Nicht jeder IKT-Vorfall hat einen Angreifer

Der Basler Ausschuss für Bankenaufsicht hat vor wenigen Tagen den Report „ICT Risk Management: Range of Practices" veröffentlicht, der eine Blickrichtung einnimmt, die wir sonst selten haben. Es geht im Report bewusst um nicht-böswillige IKT-Vorfälle, also um das, was im Cyber-Umfeld schiefgehen kann, ohne dass Angreifer beteiligt sind.

Der Basler Ausschuss für Bankenaufsicht hat vor wenigen Tagen den Report „ICT Risk Management: Range of Practices“ veröffentlicht, der eine Blickrichtung einnimmt, die wir sonst selten haben.

Es geht im Report bewusst um nicht-böswillige IKT-Vorfälle, also um das, was im Cyber-Umfeld schiefgehen kann, ohne dass Angreifer beteiligt sind.

Und soviel vorweg: die genannten Ursachen liegen erstaunlich nah an der betrieblichen Realität vieler Unternehmen:

  1. Schwächen im IKT-Änderungsmanagement
  2. Mängel in Systemdesign, Entwicklung und Test
  3. Kapazitäts- und Performance-Probleme

Bleibenden Eindruck haben bei mir die Ausführungen zu einer Bank hinterlassen, die über 5 Millionen IKT-Changes allein in 2025 umgesetzt hat!

Diese Menge kann ja niemand vollständig durch den kompletten IKT-Änderungsprozess schleusen. 😵‍💫

Bei solchen Größenordnungen wird klar, dass Risikoorientierung der einzig sinnvolle Steuerungsansatz ist: IKT-Änderungsrisiken werden bis zu einer gewissen Ebene vorab bewertet, darauf basierend Standard-Changes nach Kritikalität und Risiko definiert und so weit wie möglich automatisiert.

Nur wirklich kritische und risikoreiche Änderungen müssen dann die strengen Quality Gates des IKT-Änderungsmanagements durchlaufen.

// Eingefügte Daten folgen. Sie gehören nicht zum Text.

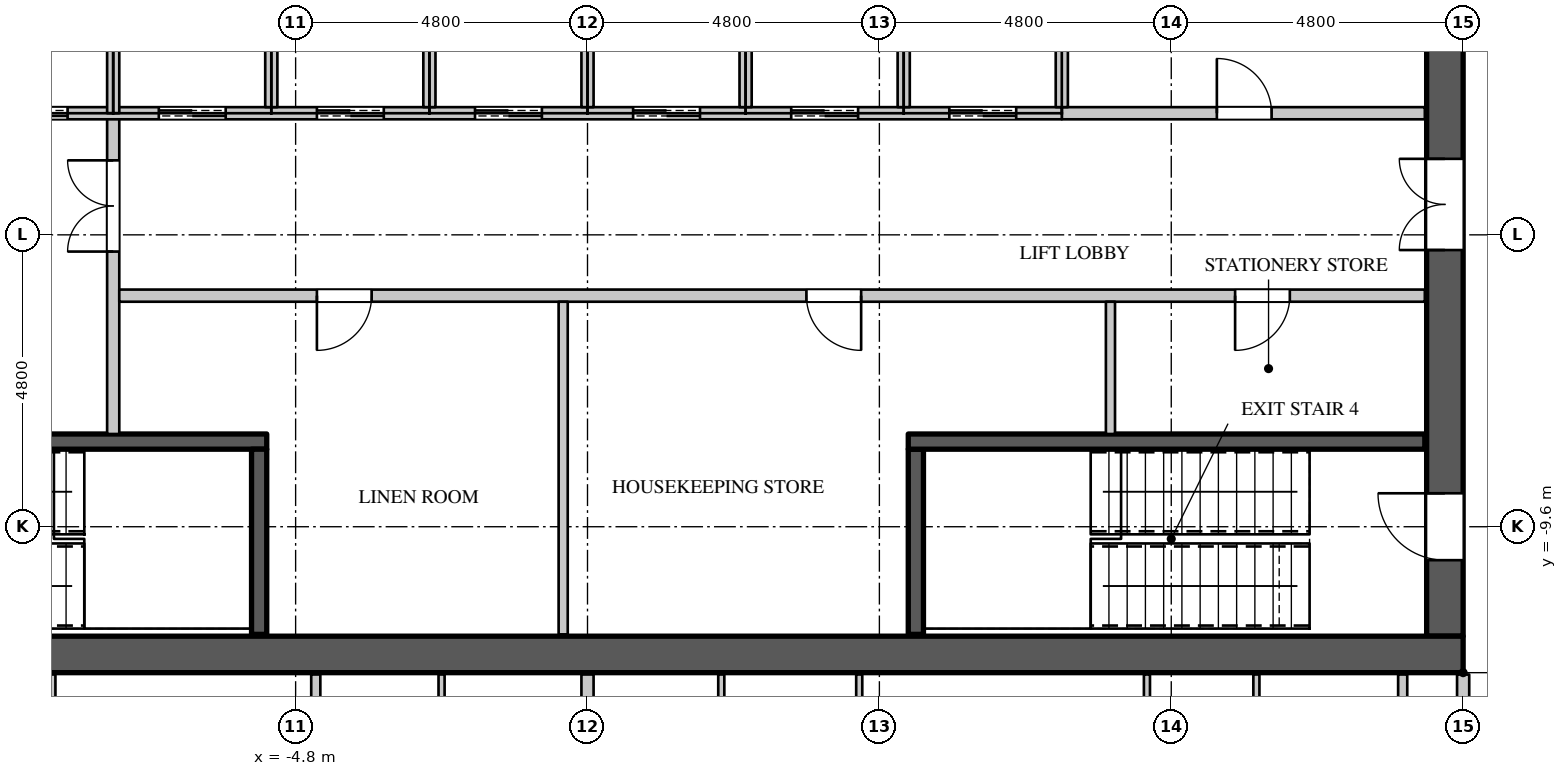
"""IFC4 building model, lengths in metres.
Left out: names, types, materials, properties, quantities, classifications, styles, units other than length and angle.
Written with IfcOpenShell. Run it as: python <this file> out.ifc"""

import sys

from ifc_helpers import new_model, si_unit, direction, frame, frame_2d, origin, place, context, subcontext, project, spatial, rectangle, extrude, element, fill, save


model = new_model("IFC4")
c1 = context("Model", 3, precision=1e-05, world=origin(), true_north=direction((0.0, 1.0)))
c2 = subcontext(c1, "Body", "Model", "MODEL_VIEW")
j1 = project(units=[si_unit("LENGTHUNIT", "METRE"), si_unit("PLANEANGLEUNIT", "RADIAN")], contexts=[c1])
p1 = place(None, origin())
s1 = spatial("IfcSite", under=j1, at=p1, CompositionType="ELEMENT")
p2 = place(p1, origin())
s2 = spatial("IfcBuilding", under=s1, at=p2, CompositionType="ELEMENT")
p3 = place(p2, frame((0.0, 0.0, 281.1)))
s3 = spatial("IfcBuildingStorey", under=s2, at=p3, CompositionType="ELEMENT", Elevation=281.1)
p4 = place(p3, frame((-14.4, -11.7, 0.0), z_axis=(0.0, 0.0, 1.0), x_axis=(1.0, 0.0, 0.0)))
e1 = element("IfcWall", 1, at=p4, inside=s3, PredefinedType="SHEAR", context=c2, shape_type="SweptSolid", body=[
    extrude(rectangle(XDim=28.8, YDim=0.6, at=frame_2d((14.4, 0.0))), origin(), (0.0, 0.0, 1.0), 4.2),
])
p5 = place(p3, frame((14.1, -11.4, 0.0), z_axis=(0.0, 0.0, 1.0), x_axis=(0.0, 1.0, 0.0)))
e2 = element("IfcWall", 2, at=p5, inside=s3, PredefinedType="SHEAR", context=c2, shape_type="SweptSolid", body=[
    extrude(rectangle(XDim=22.8, YDim=0.6, at=frame_2d((11.4, 0.0))), origin(), (0.0, 0.0, 1.0), 4.2),
])
p6 = place(p5, frame((20.45, 0.0, 0.0)))
e3 = element("IfcOpeningElement", 3, at=p6, cuts=e2, PredefinedType="OPENING", context=c2, shape_type="SweptSolid", body=[
    extrude(rectangle(XDim=1.1, YDim=2.2, at=frame_2d((0.55, 1.1))), frame((0.0, 0.31, 0.0), z_axis=(0.0, -1.0, 0.0), x_axis=(1.0, 0.0, 0.0)), (0.0, 0.0, 1.0), 0.62),
])
p7 = place(p5, frame((1.25, 0.0, 0.0)))
e4 = element("IfcOpeningElement", 4, at=p7, cuts=e2, PredefinedType="OPENING", context=c2, shape_type="SweptSolid", body=[
    extrude(rectangle(XDim=1.1, YDim=2.2, at=frame_2d((0.55, 1.1))), frame((0.0, 0.31, 0.0), z_axis=(0.0, -1.0, 0.0), x_axis=(1.0, 0.0, 0.0)), (0.0, 0.0, 1.0), 0.62),
])
p8 = place(p5, frame((14.95, 0.0, 0.0)))
e5 = element("IfcOpeningElement", 5, at=p8, cuts=e2, PredefinedType="OPENING", context=c2, shape_type="SweptSolid", body=[
    extrude(rectangle(XDim=1.5, YDim=2.4, at=frame_2d((0.75, 1.2))), frame((0.0, 0.31, 0.0), z_axis=(0.0, -1.0, 0.0), x_axis=(1.0, 0.0, 0.0)), (0.0, 0.0, 1.0), 0.62),
])
p9 = place(p5, frame((6.35, 0.0, 0.0)))
e6 = element("IfcOpeningElement", 6, at=p9, cuts=e2, PredefinedType="OPENING", context=c2, shape_type="SweptSolid", body=[
    extrude(rectangle(XDim=1.5, YDim=2.4, at=frame_2d((0.75, 1.2))), frame((0.0, 0.31, 0.0), z_axis=(0.0, -1.0, 0.0), x_axis=(1.0, 0.0, 0.0)), (0.0, 0.0, 1.0), 0.62),
])
p10 = place(p3, frame((-7.8, -8.075, 0.0), z_axis=(0.0, 0.0, 1.0), x_axis=(0.0, 1.0, 0.0)))
e7 = element("IfcWall", 7, at=p10, inside=s3, PredefinedType="PARTITIONING", context=c2, shape_type="SweptSolid", body=[
    extrude(rectangle(XDim=5.275, YDim=0.2, at=frame_2d((2.637, 0.0))), origin(), (0.0, 0.0, 1.0), 3.95),
])
p11 = place(p10, frame((3.0, 0.0, 0.0)))
e8 = element("IfcOpeningElement", 8, at=p11, cuts=e7, PredefinedType="OPENING", context=c2, shape_type="SweptSolid", body=[
    extrude(rectangle(XDim=1.5, YDim=2.4, at=frame_2d((0.75, 1.2))), frame((0.0, 0.11, 0.0), z_axis=(0.0, -1.0, 0.0), x_axis=(1.0, 0.0, 0.0)), (0.0, 0.0, 1.0), 0.22),
])
p12 = place(p3, frame((-7.7, -5.8, 0.0), z_axis=(0.0, 0.0, 1.0), x_axis=(1.0, 0.0, 0.0)))
e9 = element("IfcWall", 9, at=p12, inside=s3, PredefinedType="PARTITIONING", context=c2, shape_type="SweptSolid", body=[
    extrude(rectangle(XDim=21.47, YDim=0.2, at=frame_2d((10.735, 0.0))), origin(), (0.0, 0.0, 1.0), 3.95),
])
p13 = place(p12, frame((3.25, 0.0, 0.0)))
e10 = element("IfcOpeningElement", 10, at=p13, cuts=e9, PredefinedType="OPENING", context=c2, shape_type="SweptSolid", body=[
    extrude(rectangle(XDim=0.9, YDim=2.2, at=frame_2d((0.45, 1.1))), frame((0.0, 0.11, 0.0), z_axis=(0.0, -1.0, 0.0), x_axis=(1.0, 0.0, 0.0)), (0.0, 0.0, 1.0), 0.22),
])
p14 = place(p12, frame((11.3, 0.0, 0.0)))
e11 = element("IfcOpeningElement", 11, at=p14, cuts=e9, PredefinedType="OPENING", context=c2, shape_type="SweptSolid", body=[
    extrude(rectangle(XDim=0.9, YDim=2.2, at=frame_2d((0.45, 1.1))), frame((0.0, 0.11, 0.0), z_axis=(0.0, -1.0, 0.0), x_axis=(1.0, 0.0, 0.0)), (0.0, 0.0, 1.0), 0.22),
])
p15 = place(p12, frame((18.35, 0.0, 0.0)))
e12 = element("IfcOpeningElement", 12, at=p15, cuts=e9, PredefinedType="OPENING", context=c2, shape_type="SweptSolid", body=[
    extrude(rectangle(XDim=0.9, YDim=2.2, at=frame_2d((0.45, 1.1))), frame((0.0, 0.11, 0.0), z_axis=(0.0, -1.0, 0.0), x_axis=(1.0, 0.0, 0.0)), (0.0, 0.0, 1.0), 0.22),
])
p16 = place(p3, frame((14.4, -14.3, 0.0), z_axis=(0.0, 0.0, 1.0), x_axis=(0.0, 1.0, 0.0)))
e13 = element("IfcWall", 13, at=p16, inside=s3, PredefinedType="PARTITIONING", context=c2, shape_type="SweptSolid", body=[
    extrude(rectangle(XDim=2.27, YDim=0.2, at=frame_2d((1.135, 0.0))), origin(), (0.0, 0.0, 1.0), 3.95),
])
p17 = place(p3, frame((-4.469, -25.95, 0.0), z_axis=(0.0, 0.0, 1.0), x_axis=(0.0, 1.0, 0.0)))
e14 = element("IfcWall", 14, at=p17, inside=s3, PredefinedType="PARTITIONING", context=c2, shape_type="SweptSolid", body=[
    extrude(rectangle(XDim=13.92, YDim=0.15, at=frame_2d((6.96, 0.0))), origin(), (0.0, 0.0, 1.0), 3.3),
])
p18 = place(p17, frame((3.4, 0.0, 0.0)))
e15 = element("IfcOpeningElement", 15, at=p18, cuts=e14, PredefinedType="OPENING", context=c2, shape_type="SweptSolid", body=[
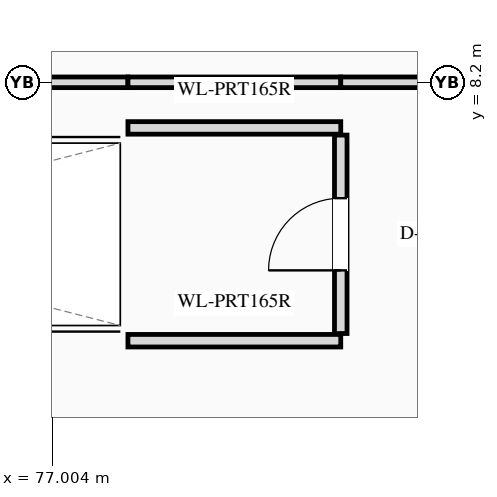
"""IFC4 building model, lengths in metres.
Left out: names, types, materials, properties, quantities, classifications, styles, units other than length and angle.
Written with IfcOpenShell. Run it as: python <this file> out.ifc"""

import sys

from ifc_helpers import new_model, si_unit, direction, frame, frame_2d, origin, place, context, subcontext, project, spatial, rectangle, extrude, element, fill, save


model = new_model("IFC4")
c1 = context("Model", 3, precision=1e-05, world=origin(), true_north=direction((0.0, 1.0)))
c2 = subcontext(c1, "Body", "Model", "MODEL_VIEW")
j1 = project(units=[si_unit("LENGTHUNIT", "METRE"), si_unit("PLANEANGLEUNIT", "RADIAN")], contexts=[c1])
p1 = place(None, origin())
s1 = spatial("IfcSite", under=j1, at=p1, CompositionType="ELEMENT")
p2 = place(p1, origin())
s2 = spatial("IfcBuilding", under=s1, at=p2, CompositionType="ELEMENT")
p3 = place(p2, frame((0.0, 0.0, 5.4)))
s3 = spatial("IfcBuildingStorey", under=s2, at=p3, CompositionType="ELEMENT", Elevation=5.4)
p4 = place(p3, frame((78.0, 4.8, 0.0), z_axis=(0.0, 0.0, 1.0), x_axis=(1.0, 0.0, 0.0)))
e1 = element("IfcWall", 1, at=p4, inside=s3, PredefinedType="PARTITIONING", context=c2, shape_type="SweptSolid", body=[
    extrude(rectangle(XDim=2.8, YDim=0.165, at=frame_2d((1.4, 0.0))), origin(), (0.0, 0.0, 1.0), 4.703),
])
p5 = place(p3, frame((78.0, 7.6, 0.0), z_axis=(0.0, 0.0, 1.0), x_axis=(1.0, 0.0, 0.0)))
e2 = element("IfcWall", 2, at=p5, inside=s3, PredefinedType="PARTITIONING", context=c2, shape_type="SweptSolid", body=[
    extrude(rectangle(XDim=2.8, YDim=0.165, at=frame_2d((1.4, 0.0))), origin(), (0.0, 0.0, 1.0), 5.095),
])
p6 = place(p3, frame((34.6, 8.2, 0.0), z_axis=(0.0, 0.0, 1.0), x_axis=(1.0, 0.0, 0.0)))
e3 = element("IfcWall", 3, at=p6, inside=s3, PredefinedType="PARTITIONING", context=c2, shape_type="SweptSolid", body=[
    extrude(rectangle(XDim=43.4, YDim=0.14, at=frame_2d((21.7, 0.0))), origin(), (0.0, 0.0, 1.0), 4.424),
])
p7 = place(p6, frame((18.6, 0.0, 0.0)))
e4 = element("IfcOpeningElement", 4, at=p7, cuts=e3, PredefinedType="OPENING", context=c2, shape_type="SweptSolid", body=[
    extrude(rectangle(XDim=1.6, YDim=2.4, at=frame_2d((0.8, 1.2))), frame((0.0, 0.08, 0.0), z_axis=(0.0, -1.0, 0.0), x_axis=(1.0, 0.0, 0.0)), (0.0, 0.0, 1.0), 0.16),
])
p8 = place(p3, frame((78.0, 8.2, 0.0), z_axis=(0.0, 0.0, 1.0), x_axis=(1.0, 0.0, 0.0)))
e5 = element("IfcWall", 5, at=p8, inside=s3, PredefinedType="PARTITIONING", context=c2, shape_type="SweptSolid", body=[
    extrude(rectangle(XDim=2.8, YDim=0.14, at=frame_2d((1.4, 0.0))), origin(), (0.0, 0.0, 1.0), 4.508),
])
p9 = place(p3, frame((80.8, 8.2, 0.0), z_axis=(0.0, 0.0, 1.0), x_axis=(1.0, 0.0, 0.0)))
e6 = element("IfcWall", 6, at=p9, inside=s3, PredefinedType="PARTITIONING", context=c2, shape_type="SweptSolid", body=[
    extrude(rectangle(XDim=10.0, YDim=0.14, at=frame_2d((5.0, 0.0))), origin(), (0.0, 0.0, 1.0), 4.424),
])
p10 = place(p3, frame((80.8, 4.895, 0.0), z_axis=(0.0, 0.0, 1.0), x_axis=(0.0, 1.0, 0.0)))
e7 = element("IfcWall", 7, at=p10, inside=s3, PredefinedType="PARTITIONING", context=c2, shape_type="SweptSolid", body=[
    extrude(rectangle(XDim=2.611, YDim=0.165, at=frame_2d((1.306, 0.0))), origin(), (0.0, 0.0, 1.0), 4.703),
])
p11 = place(p10, frame((0.831, 0.0, 0.0)))
e8 = element("IfcOpeningElement", 8, at=p11, cuts=e7, PredefinedType="OPENING", context=c2, shape_type="SweptSolid", body=[
    extrude(rectangle(XDim=0.95, YDim=2.15, at=frame_2d((0.475, 1.075))), frame((0.0, 0.093, 0.0), z_axis=(0.0, -1.0, 0.0), x_axis=(1.0, 0.0, 0.0)), (0.0, 0.0, 1.0), 0.185),
])
p12 = place(p11, origin())
e9 = element("IfcDoor", 9, at=p12, inside=s3, OperationType="SINGLE_SWING_LEFT", PredefinedType="DOOR", context=c2, shape_type="SweptSolid", body=[
    extrude(rectangle(XDim=0.95, YDim=2.15, at=frame_2d((0.475, 1.075))), frame((0.0, 0.025, 0.0), z_axis=(0.0, -1.0, 0.0), x_axis=(1.0, 0.0, 0.0)), (0.0, 0.0, 1.0), 0.05),
])
fill(e8, e9)
save(model, sys.argv[1])

Ein zweiter Punkt, der im Report adressiert wird und m.E.n. auch hoch-relevant ist: Unsachgemäße Umgebungstrennung! Denn wenn Testumgebungen die Realität der Produktionsumgebung nur eingeschränkt abbilden, treten Probleme oft erst beim Einspielen eines Changes in die Produktivumgebung auf.

Für mich bestätigt das einen Gedanken, den ich hier immer wieder teile: IKT-Risikomanagement heißt eben nicht, statische Kataloge mit Sicherheitsmaßnahmen abzuarbeiten und generische Soll-Ist-Vergleiche pauschal über den gesamten Anwendungs-Stack zu dokumentieren.

Denn selbst wenn vermeintlich jedes Soll im Ist auch formal umgesetzt wurde – so bleiben doch genau die Sachverhalte, die hier genannt wurden, die Hauptursachen für echte IKT-Vorfälle und für echte IKT-Risiken.

Sie entstehen im Betrieb – und sie verlangen kein theoretisches, sondern angewandtes IKT-Risikomanagement – eine Disziplin, die Grundvoraussetzung für die digitale operationelle Resilienz eines Unternehmens ist.